According to the National Institutes of Health, we began exploring the potential of neurostimulation in 1950s and 1960s, with scientists first realizing that electric stimulation might simulate hearing. Going by this theory, surgeons attempted to repair a facial nerve injury by electrically stimulating the auditory nerve, which caused their patient to perceive sounds.

However, progress in this area would be slow for the next few decades. Although the electrical properties of the nervous system had been discovered over a hundred years before, it had not been harnessed for treatments. This resulted in relatively rudimental solutions being produced with the use of neurotechnology. For example, the first cochlear implants in the 1970s could only serve to enhance a patient’s awareness of their surroundings and help them to lip-read, while in the realm of treatments for spinal injuries, the use of neurotechnology was focused on limiting further damage shortly after injury, rather than improving the function of the spinal cord over a longer term.

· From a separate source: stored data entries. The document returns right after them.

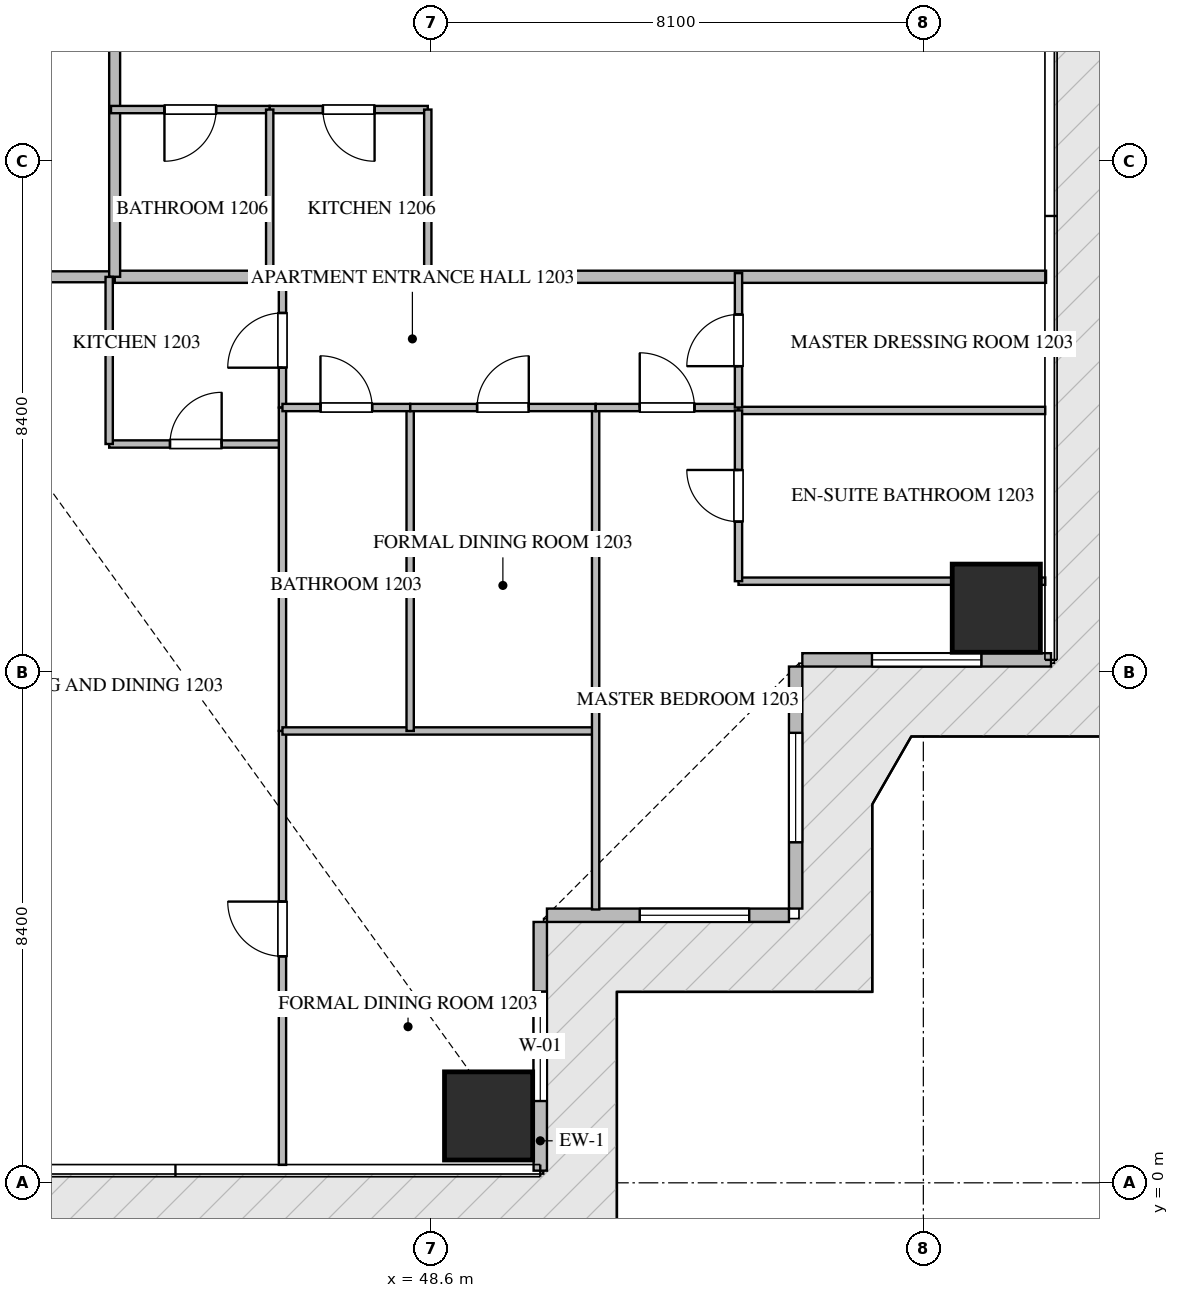
"""IFC4 building model, lengths in metres.
Left out: names, types, materials, properties, quantities, classifications, styles, units other than length and angle.
Written with IfcOpenShell. Run it as: python <this file> out.ifc"""

import sys

from ifc_helpers import new_model, si_unit, direction, frame, frame_2d, origin, origin_2d, place, context, subcontext, project, spatial, rectangle, extrude, source, transform, mapped, element, fill, save


model = new_model("IFC4")
c1 = context("Model", 3, precision=1e-05, world=origin(), true_north=direction((0.0, 1.0)))
c2 = subcontext(c1, "Body", "Model", "MODEL_VIEW")
j1 = project(units=[si_unit("LENGTHUNIT", "METRE"), si_unit("PLANEANGLEUNIT", "RADIAN")], contexts=[c1])
p1 = place(None, origin())
s1 = spatial("IfcSite", under=j1, at=p1, CompositionType="ELEMENT")
p2 = place(p1, origin())
s2 = spatial("IfcBuilding", under=s1, at=p2, CompositionType="ELEMENT")
p3 = place(p2, frame((0.0, 0.0, 52.95)))
s3 = spatial("IfcBuildingStorey", under=s2, at=p3, CompositionType="ELEMENT", Elevation=52.95)
m1 = source(origin(), c2, "Body", "SweptSolid", [
    extrude(rectangle(XDim=1.45, YDim=1.45, at=origin_2d()), origin(), (0.0, 0.0, 1.0), 3.75),
])
for number, where, z_axis, x_axis in (
    (1, (49.55, 1.1, -0.26), (0.0, 0.0, 1.0), (1.0, 0.0, 0.0)),
    (2, (57.9, 9.45, -0.26), (0.0, 0.0, 1.0), (1.0, 0.0, 0.0)),
):
    element("IfcColumn", number, at=place(p3, frame(where, z_axis=z_axis, x_axis=x_axis)), inside=s3, PredefinedType="COLUMN", context=c2, shape_type="MappedRepresentation", body=[
        mapped(m1, transform((0.0, 0.0, 0.0), scale=1.0)),
    ])
p4 = place(p3, frame((50.4, 0.2, 0.0), z_axis=(0.0, 0.0, 1.0), x_axis=(0.0, 1.0, 0.0)))
e3 = element("IfcWall", 3, at=p4, inside=s3, PredefinedType="ELEMENTEDWALL", context=c2, shape_type="SweptSolid", body=[
    extrude(rectangle(XDim=4.09, YDim=0.22, at=frame_2d((2.045, 0.0))), origin(), (0.0, 0.0, 1.0), 3.475),
])
p5 = place(p4, frame((1.145, 0.0, 0.65)))
e4 = element("IfcOpeningElement", 4, at=p5, cuts=e3, PredefinedType="OPENING", context=c2, shape_type="SweptSolid", body=[
    extrude(rectangle(XDim=1.8, YDim=2.1, at=frame_2d((0.9, 1.05))), frame((0.0, 0.12, 0.0), z_axis=(0.0, -1.0, 0.0), x_axis=(1.0, 0.0, 0.0)), (0.0, 0.0, 1.0), 0.24),
])
p6 = place(p3, frame((50.51, 4.4, 0.0), z_axis=(0.0, 0.0, 1.0), x_axis=(1.0, 0.0, 0.0)))
e5 = element("IfcWall", 5, at=p6, inside=s3, PredefinedType="ELEMENTEDWALL", context=c2, shape_type="SweptSolid", body=[
    extrude(rectangle(XDim=3.98, YDim=0.22, at=frame_2d((1.99, 0.0))), origin(), (0.0, 0.0, 1.0), 3.475),
])
p7 = place(p6, frame((1.526, 0.0, 0.65)))
e6 = element("IfcOpeningElement", 6, at=p7, cuts=e5, PredefinedType="OPENING", context=c2, shape_type="SweptSolid", body=[
    extrude(rectangle(XDim=1.8, YDim=2.1, at=frame_2d((0.9, 1.05))), frame((0.0, 0.12, 0.0), z_axis=(0.0, -1.0, 0.0), x_axis=(1.0, 0.0, 0.0)), (0.0, 0.0, 1.0), 0.24),
])
p8 = place(p3, frame((54.6, 4.51, 0.0), z_axis=(0.0, 0.0, 1.0), x_axis=(0.0, 1.0, 0.0)))
e7 = element("IfcWall", 7, at=p8, inside=s3, PredefinedType="ELEMENTEDWALL", context=c2, shape_type="SweptSolid", body=[
    extrude(rectangle(XDim=3.98, YDim=0.22, at=frame_2d((1.99, 0.0))), origin(), (0.0, 0.0, 1.0), 3.475),
])
p9 = place(p8, frame((1.09, 0.0, 0.65)))
e8 = element("IfcOpeningElement", 8, at=p9, cuts=e7, PredefinedType="OPENING", context=c2, shape_type="SweptSolid", body=[
    extrude(rectangle(XDim=1.8, YDim=2.1, at=frame_2d((0.9, 1.05))), frame((0.0, 0.12, 0.0), z_axis=(0.0, -1.0, 0.0), x_axis=(1.0, 0.0, 0.0)), (0.0, 0.0, 1.0), 0.24),
])
p10 = place(p3, frame((54.71, 8.6, 0.0), z_axis=(0.0, 0.0, 1.0), x_axis=(1.0, 0.0, 0.0)))
e9 = element("IfcWall", 9, at=p10, inside=s3, PredefinedType="ELEMENTEDWALL", context=c2, shape_type="SweptSolid", body=[
    extrude(rectangle(XDim=4.09, YDim=0.22, at=frame_2d((2.045, 0.0))), origin(), (0.0, 0.0, 1.0), 3.475),
])
p11 = place(p10, frame((1.145, 0.0, 0.65)))
e10 = element("IfcOpeningElement", 10, at=p11, cuts=e9, PredefinedType="OPENING", context=c2, shape_type="SweptSolid", body=[
    extrude(rectangle(XDim=1.8, YDim=2.1, at=frame_2d((0.9, 1.05))), frame((0.0, 0.12, 0.0), z_axis=(0.0, -1.0, 0.0), x_axis=(1.0, 0.0, 0.0)), (0.0, 0.0, 1.0), 0.24),
])
p12 = place(p3, frame((43.4, 14.9, 0.0), z_axis=(0.0, 0.0, 1.0), x_axis=(1.0, 0.0, 0.0)))
e11 = element("IfcWall", 11, at=p12, inside=s3, PredefinedType="PARTITIONING", context=c2, shape_type="SweptSolid", body=[
    extrude(rectangle(XDim=15.318, YDim=0.2, at=frame_2d((7.659, 0.0))), origin(), (0.0, 0.0, 1.0), 3.49),
])
p13 = place(p3, frame((21.402, 14.9, 0.0), z_axis=(0.0, 0.0, 1.0), x_axis=(1.0, 0.0, 0.0)))
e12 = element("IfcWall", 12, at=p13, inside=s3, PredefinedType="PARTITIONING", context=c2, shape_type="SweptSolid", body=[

Thankfully, the medical researchers of today have not given up on harnessing the powerful benefits of using neurotechnology and neurostimulation. In fact, patients today can receive treatment for many types of nerve damage that involve electrically stimulating the nervous system, and the cochlear implants have evolved to enable deaf people to hear and understand speech. Beyond these two use cases, neurostimulation is even believed to provide the promise of restoring vision and movement for patients who are paralyzed or have suffered traumatic injuries.

Use Cases in Healthcare

As mentioned above, neurostimulation technologies have long been recognized as the possible answer to a host of human conditions; as tricky as it may be to glean the advantages of using neurostimulation in treatments, we are making progress with key health concerns, here are two use cases:

Deep Brain Stimulation

With over 100,000 people with Parkinson’s having received deep brain stimulation (DBS) implants to date, it’s clear that this is one health challenge that is on the path to being resolved. DBS implants have helped these patients reduce disease symptoms and are even said to be more effective than drug therapy, which can involve unpleasant side effects. Additionally, patients with these implants can experience the positive effects for over a decade or more. In terms of future solutions, DBS has been granted an FDA Humanitarian Device Exemption to treat obsessive compulsive disorder and is currently being tested by researchers looking for ways to tackle other conditions, such as treatment-resistant depression, and dementia.

Cognitive Technology

In the human sense of the word, cognition refers to our ability to learn from past experiences, mistakes, and triumphs. It is essentially what makes us move forward in life and serves as our inner compass. When paired with technology, it is about developing machines and solutions that can mimic this compass and help them think, analyze, and make decisions.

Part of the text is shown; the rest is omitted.